Data Weighting Committee Report

For Discussion May 18-20, 2011

By Negotiated Rulemaking Committee on HPSAs and MUAs

where we are and where we have come from
Where we are and where we have come from
  • Variables have been proposed and considered
  • Probable useful variables are being assessed – their quality, utility and feasibility; their distributions and other characteristics
  • We have looked at several approaches to combining variables
      • Combining into an index (we have used “factor analysis” for this),
      • using menu,
      • considering “bonus points,”
      • considering thresholds.
  • Discussion of “factor analysis” – when is it appropriate?
considerations
Considerations
  • Framework
  • Components – candidate variables
  • Weighting of components (and their elements) within Framework
variables 1
Variables –1

Access to Care Barriers --

  • Race – Nonwhite (…& non-Hispanic)
  • Ethnicity (Hispanic)
  • Linguistic isolation/Limited English Proficiency
  • “Travel” -- Distance/time and geo barriers Rural/Frontier – can use mapping resources online, &/or consider RUCA score
  • Population Density – can be modifier of thresholds or P2P
  • Disability (physical, cognitive; overall measure or specific?)
  • Other characteristics/conditions -- LGBT, other characteristics, HIV/AIDS or disease conditions with stigma and/or need for expertise with primary care
  • Other? (check barrier group list; consider ECONOMIC BARRIERS as ABILITY TO PAY measures)
variables 2
Variables – 2

Ability to Pay

  • Uninsured – demonstrated strong factor
  • Low Income (<200 FPL, or between 100-200 FPL; American Community Survey has data up to 500% FPL)

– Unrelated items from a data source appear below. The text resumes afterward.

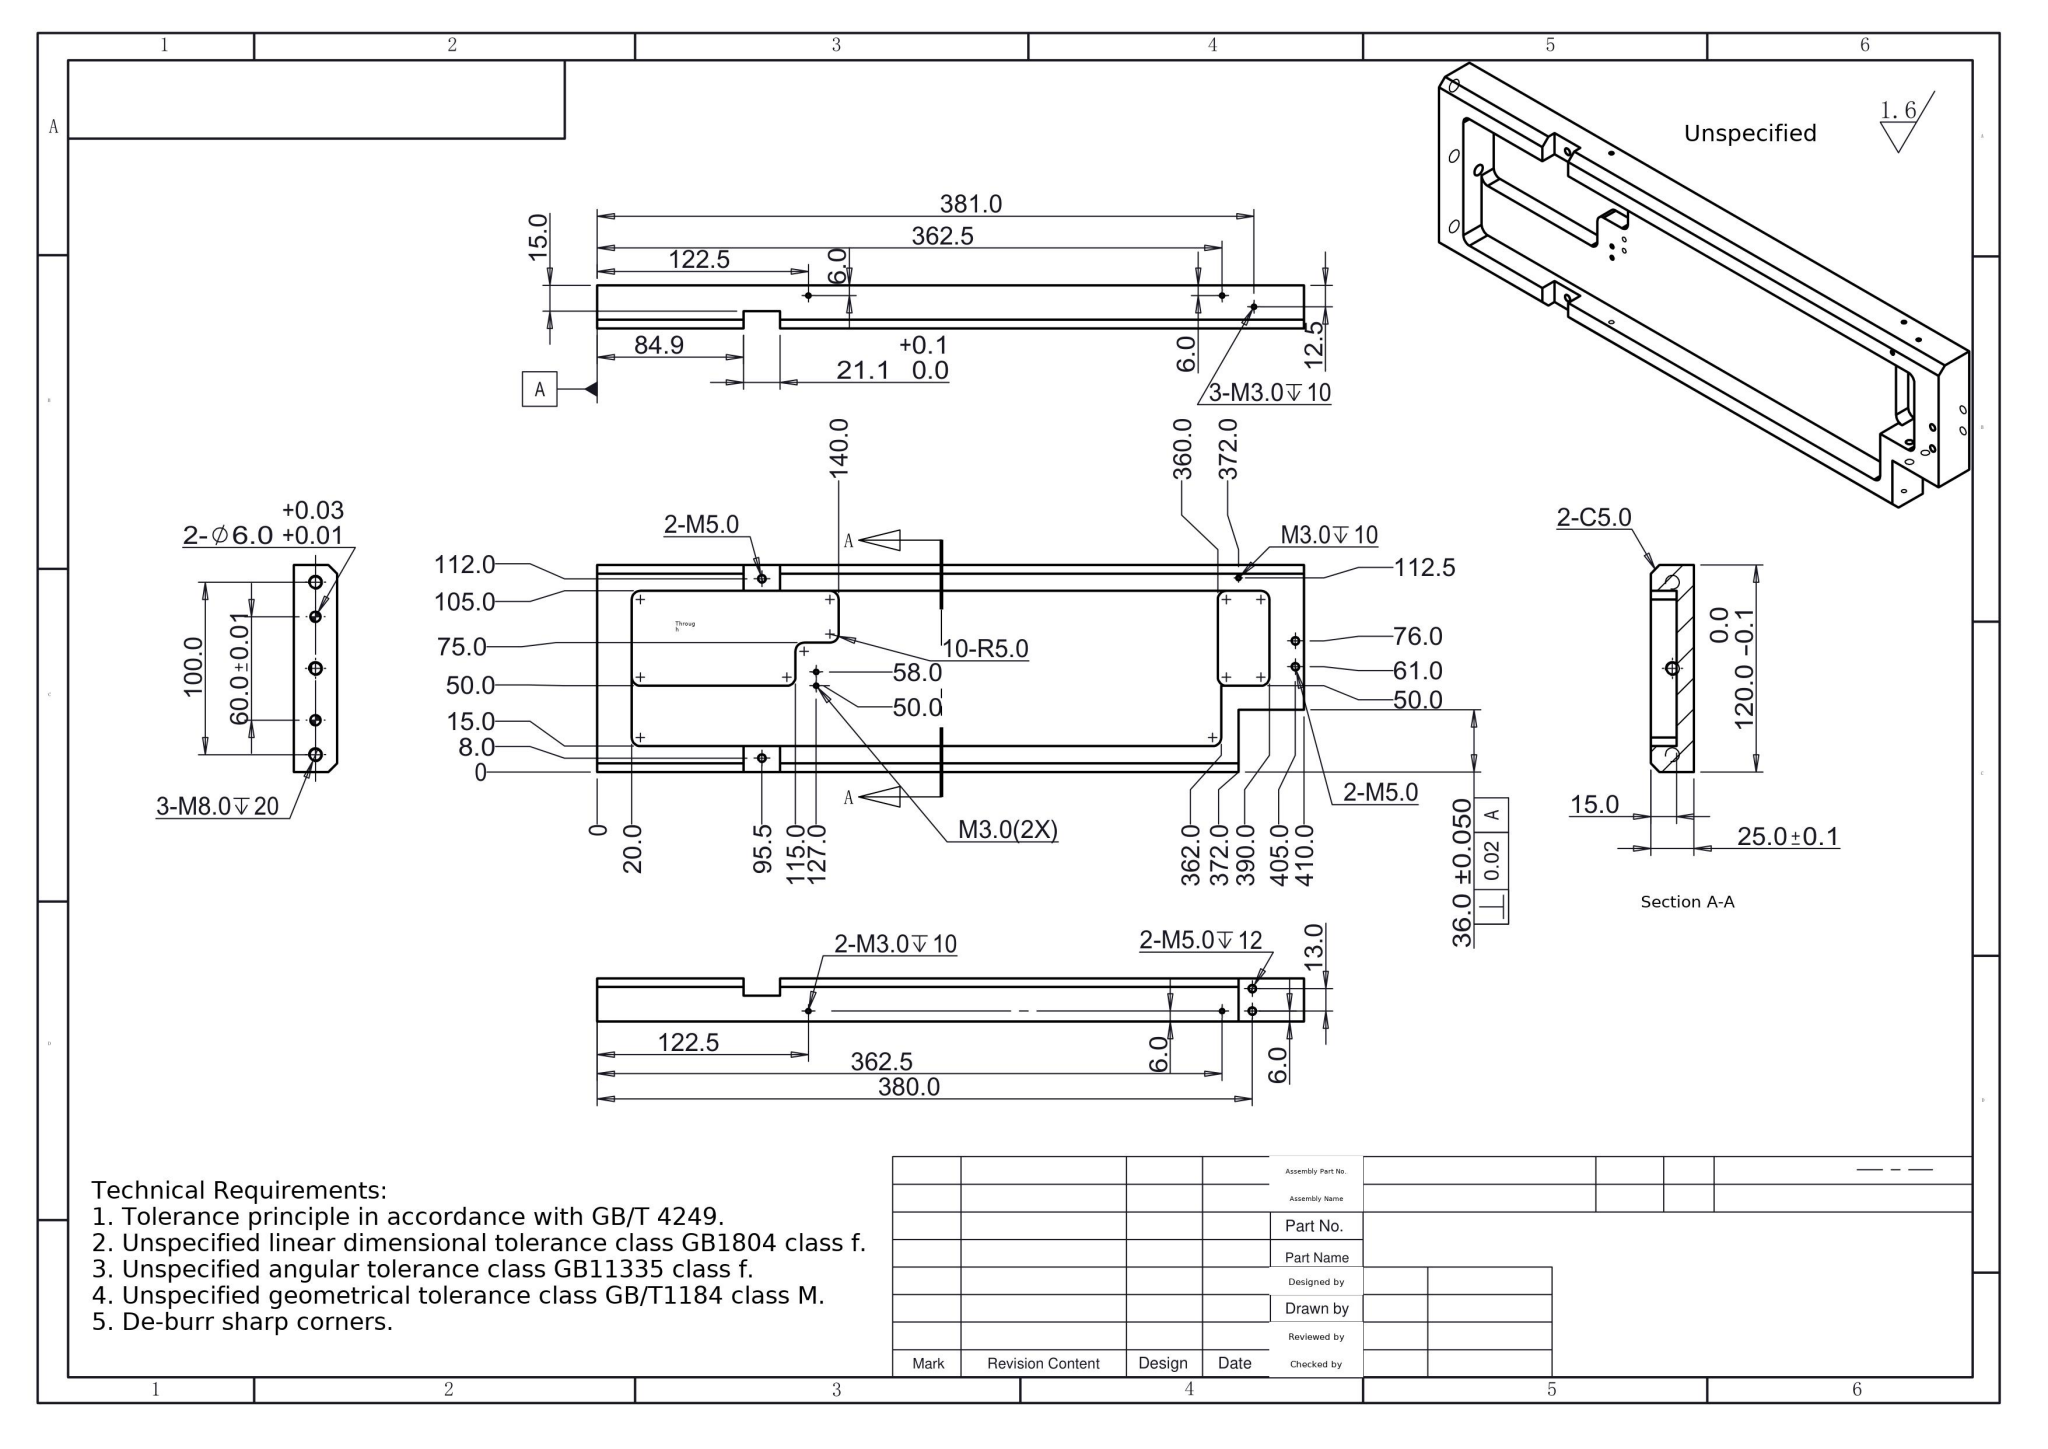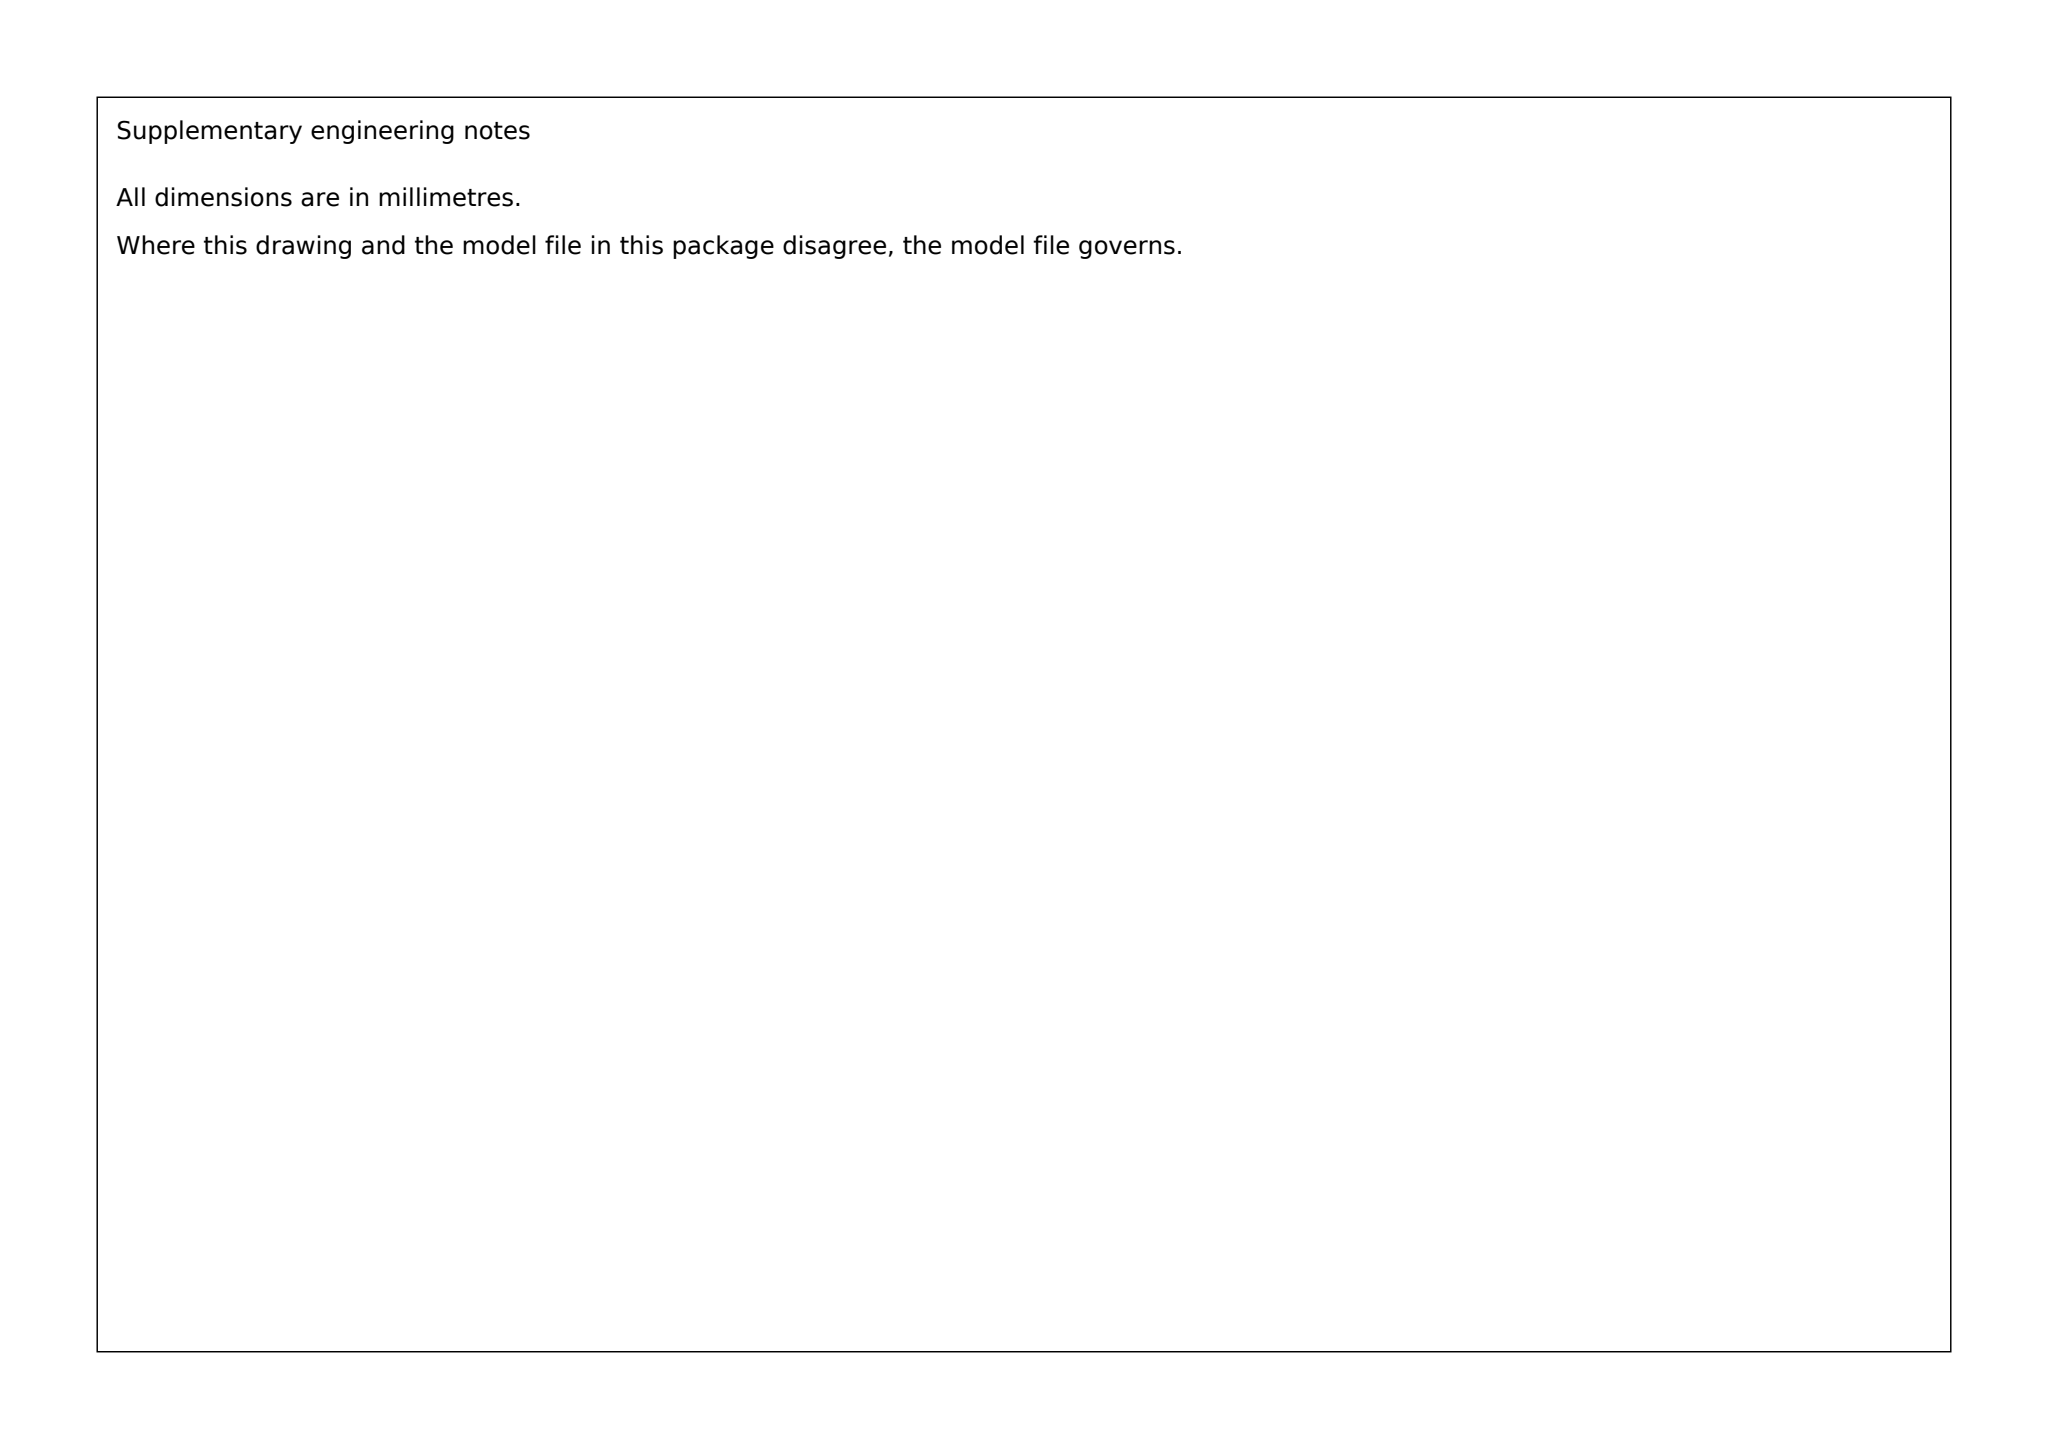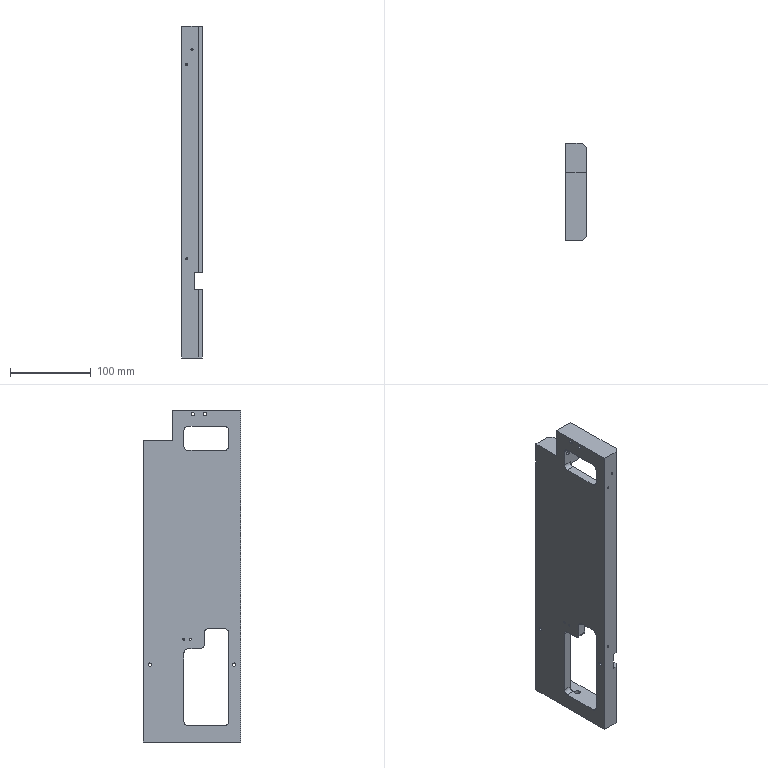Part | SolidWorks | mm | 1 solid | 101 faces | box 25 x 120 x 410 mm | volume 614983 mm3 | cylinder 50 | plane 31 | cone 20 | commonest cylinder face diameters 2.5 x16 4.2 x12 10 x12 6.8 x6 6 x4
build123d program:
from build123d import *

# Parameters (mm, degrees)
SKETCH1_W                    = 25
SKETCH1_H                    = 120
EXTRUDE1_DEPTH               = 205
M8_TAPPED_HOLE1_D            = 6.8
M8_TAPPED_HOLE1_DEPTH        = 23.75
M8_TAPPED_HOLE1_TIP          = 2.043
EXTRUDE2_DEPTH               = 15
EXTRUDE3_DEPTH               = 215.126
F_6_0_6_DIAMETER_HOLE1_D     = 6
F_6_0_6_DIAMETER_HOLE1_DEPTH = 10
F_6_0_6_DIAMETER_HOLE1_TIP   = 1.803
M3_TAPPED_HOLE1_AT_2_COUNT   = 2
M3_TAPPED_HOLE1_AT_2_PITCH   = 240
SKETCH18_W                   = 21.1
SKETCH18_H                   = 150.152
CUT_EXTRUDE1_DEPTH           = 10
M5_TAPPED_HOLE6_D            = 4.2
M5_TAPPED_HOLE6_DEPTH        = 17.4
M5_TAPPED_HOLE6_TIP          = 1.262
CHAMFER2_SIZE                = 5
SKETCH34_W                   = 99.744
SKETCH34_H                   = 340.807
CUT_EXTRUDE3_DEPTH           = 36
M5_TAPPED_HOLE7_D            = 4.2
M5_TAPPED_HOLE7_DEPTH        = 17.4
M5_TAPPED_HOLE7_TIP          = 1.262
M5_TAPPED_HOLE4_D            = 4.2
M5_TAPPED_HOLE4_DEPTH        = 32.4
M5_TAPPED_HOLE4_TIP          = 1.262
CUT_EXTRUDE4_REACH           = 217.058
M3_TAPPED_HOLE3_D            = 2.5
M3_TAPPED_HOLE3_DEPTH        = 9.5
M3_TAPPED_HOLE3_TIP          = 0.7511
M3_TAPPED_HOLE4_D            = 2.5
M3_TAPPED_HOLE4_DEPTH        = 9.5
M3_TAPPED_HOLE4_TIP          = 0.7511
SKETCH40_W                   = 25
SKETCH40_H                   = 25
BOSS_EXTRUDE1_DEPTH          = 10
FILLET1_R                    = 5
M3_TAPPED_HOLE5_D            = 2.5
M3_TAPPED_HOLE5_DEPTH        = 13.5
M3_TAPPED_HOLE5_TIP          = 0.7511


with BuildPart() as part:
    # Sketch1 → Extrude1 (new, symmetric)
    with BuildSketch(Plane.XY):
        Rectangle(SKETCH1_W, SKETCH1_H)
    extrude(amount=EXTRUDE1_DEPTH, both=True)

    # M8 Tapped Hole1
    with Locations(Plane(origin=(0, 0, -205), x_dir=(-1, 0, 0), z_dir=(0, 0, -1))):
        with Locations((0, 50), (0, -50), (0, 0)):
            Hole(M8_TAPPED_HOLE1_D / 2, depth=M8_TAPPED_HOLE1_DEPTH)
            with Locations((0, 0, -(M8_TAPPED_HOLE1_DEPTH + M8_TAPPED_HOLE1_TIP / 2))):  # 118° drill point
                Cone(0, M8_TAPPED_HOLE1_D / 2, M8_TAPPED_HOLE1_TIP, mode=Mode.SUBTRACT)

    # Sketch7 → Extrude2 (cut)
    with BuildSketch(Plane(origin=(12.5, 0, 0), x_dir=(0, 0, -1), z_dir=(1, 0, 0))):
        with BuildLine():
            Line((-180, 10), (180, 10))
            ThreePointArc((180, 10), (183.536, 8.536), (185, 5))
            Line((185, 5), (185, -40))
            ThreePointArc((185, -40), (183.536, -43.536), (180, -45))
            Line((180, -45), (-180, -45))
            ThreePointArc((-180, -45), (-183.536, -43.536), (-185, -40))
            Line((-185, -40), (-185, 5))
            ThreePointArc((-185, 5), (-183.536, 8.536), (-180, 10))
        make_face()
    extrude(amount=-EXTRUDE2_DEPTH, mode=Mode.SUBTRACT)

    # Sketch9 → Extrude3 (cut, through all)
    with BuildSketch(Plane(origin=(-2.5, 0, 0), x_dir=(0, 0, -1), z_dir=(1, 0, 0))):
        with BuildLine():
            Line((185, -40), (185, 5))
            ThreePointArc((185, 5), (183.536, 8.536), (180, 10))
            Line((180, 10), (70, 10))
            ThreePointArc((70, 10), (66.464, 8.536), (65, 5))
            Line((65, 5), (65, -40))
            ThreePointArc((65, -40), (66.464, -43.536), (70, -45))
            Line((70, -45), (180, -45))
            ThreePointArc((180, -45), (183.536, -43.536), (185, -40))
        make_face()
        with BuildLine():
            Line((-180, -45), (-160, -45))
            ThreePointArc((-160, -45), (-156.464, -43.536), (-155, -40))
            Line((-155, -40), (-155, 5))
            ThreePointArc((-155, 5), (-156.464, 8.536), (-160, 10))
            Line((-160, 10), (-180, 10))
            ThreePointArc((-180, 10), (-183.536, 8.536), (-185, 5))
            Line((-185, 5), (-185, -40))
            ThreePointArc((-185, -40), (-183.536, -43.536), (-180, -45))
        make_face()
    extrude(amount=-EXTRUDE3_DEPTH, mode=Mode.SUBTRACT)

    # 6.0 _6_ Diameter Hole1
    with Locations(Plane(origin=(0, 0, -205), x_dir=(-1, 0, 0), z_dir=(0, 0, -1))):
        with Locations((0, -30), (0, 30)):
            Hole(F_6_0_6_DIAMETER_HOLE1_D / 2, depth=F_6_0_6_DIAMETER_HOLE1_DEPTH)
            with Locations((0, 0, -(F_6_0_6_DIAMETER_HOLE1_DEPTH + F_6_0_6_DIAMETER_HOLE1_TIP / 2))):  # 118° drill point
                Cone(0, F_6_0_6_DIAMETER_HOLE1_D / 2, F_6_0_6_DIAMETER_HOLE1_TIP, mode=Mode.SUBTRACT)

    # Sketch16 → M3 Tapped Hole1 (revolve, cut)
    with BuildSketch(Plane(origin=(-6.5, -60, -82.5), x_dir=(0, 0, -1), z_dir=(1, 0, 0))):
        Polygon((0, 0), (0, 12.251), (1.25, 11.5), (1.25, 0), align=None)
    m3_tapped_hole1 = revolve(axis=Axis((-6.5, -66.35, -82.5), (0, 1, 0)), mode=Mode.SUBTRACT)

    # M3 Tapped Hole1 at 2: M3 Tapped Hole1 ×2
    with Locations(*[(0, 0, i * M3_TAPPED_HOLE1_AT_2_PITCH) for i in range(1, M3_TAPPED_HOLE1_AT_2_COUNT)]):
        add(m3_tapped_hole1, mode=Mode.SUBTRACT)

    # Mirror2: M3 Tapped Hole1 across plane
    add(m3_tapped_hole1.mirror(Plane.ZX), mode=Mode.SUBTRACT)

    # Mirror2 copy 1 sketch → Mirror2 copy 1 (revolve, cut)
    with BuildSketch(Plane(origin=(-6.5, 60, 157.5), x_dir=(0, 0, -1), z_dir=(1, 0, 0))):
        Polygon((0, 0), (0, -12.251), (1.25, -11.5), (1.25, 0), align=None)
    revolve(axis=Axis((-6.5, 66.35, 157.5), (0, 1, 0)), mode=Mode.SUBTRACT)

    # Sketch18 → Cut-Extrude1 (cut)
    with BuildSketch(Plane(origin=(12.5, 0, 0), x_dir=(0, 0, -1), z_dir=(1, 0, 0))):
        with Locations((109.55, 7.017)):
            Rectangle(SKETCH18_W, SKETCH18_H)
    extrude(amount=-CUT_EXTRUDE1_DEPTH, mode=Mode.SUBTRACT)

    # M5 Tapped Hole6
    with Locations(Plane(origin=(2.5, 0, 0), x_dir=(0, 0, -1), z_dir=(1, 0, 0))):
        with Locations((109.5, 52), (109.5, -52)):
            Hole(M5_TAPPED_HOLE6_D / 2, depth=M5_TAPPED_HOLE6_DEPTH)
            with Locations((0, 0, -(M5_TAPPED_HOLE6_DEPTH + M5_TAPPED_HOLE6_TIP / 2))):  # 118° drill point
                Cone(0, M5_TAPPED_HOLE6_D / 2, M5_TAPPED_HOLE6_TIP, mode=Mode.SUBTRACT)

    # Chamfer2
    chamfer2_edges = [part.edges().sort_by_distance(p)[0] for p in [
        (12.5, -60, -162.55),
        (12.5, 60, -162.55),
        (12.5, -60, 53),
        (12.5, 60, 53),
    ]]
    chamfer(chamfer2_edges, length=CHAMFER2_SIZE)

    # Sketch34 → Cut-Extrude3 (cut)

Other measures that have been proposed:

  • RWJ County Indicators: Income inequality/GINI index
  • Regional cost of living variations – not agreed to
  • Income: per capita income or median household income
variables 3
Variables - 3
  • Socio-economic indicators of health -- Index:

(combined into “index”)

    • Poverty
    • Less than high school education
    • Adults not employed
    • Single parent household
  • Direct measures of health (menu – SMR plus another from MENU)
    • SMR
    • Low birth weight / Infant mortality rate
    • Chronic disease – diabetes
    • Preventable/ACSC Hospitalizations
analytical work by jsi
Analytical Work by JSI

“Factor analysis” – considering those proposed to reflect underlying “underservice” concept

THREE “factors” (clusters of variables) identified

(examine the results – request Eric present JSI analysis)

framework for discussion hpsas
Framework for Discussion: HPSAs

(Option1) THREE-STEP PROCESS:

Determine P2P and Health Status/Barriers/Ability to Pay Levels for population in a Rational Service Area.

Step 1. EXTREME SHORTAGE: If P2P (reflecting age/gender structure of population) shows extreme shortage (<1:2 x Y where Y is the either national norm or selected threshold for “appropriate” population per provider), designate as HPSA.

Step 2. POTENTIAL SHORTAGE: If (a) P2P is between 1:Y and 1:2Y, consider first for total population, for geo HPSA (then, if not qualifying, consider population HPSA):

b. Health status (SDI 4 variable index and direct measures – SMR and others)

c. Ability to pay (low income and/or uninsured and/or not employed 18-64

d. Access barriers (select two or more(?):

  • Race AND
  • Time/distance to care and/or
  • Limited English proficiency (LEP) or Linguistic Isolation %
  • Disability prevalence
  • Other

Step 3. NO GEOGRAPHIC SHORTAGE: If not geo HPSA, consider population HPSA

framework for discussion mua p
Framework for Discussion: MUA/P

(Option 1) Create an index (index of medical underservice) using scores for each of the 4 factors, each ranging from 0 (best) to 100 (worst), for rational service area (same definition as for HPSAs).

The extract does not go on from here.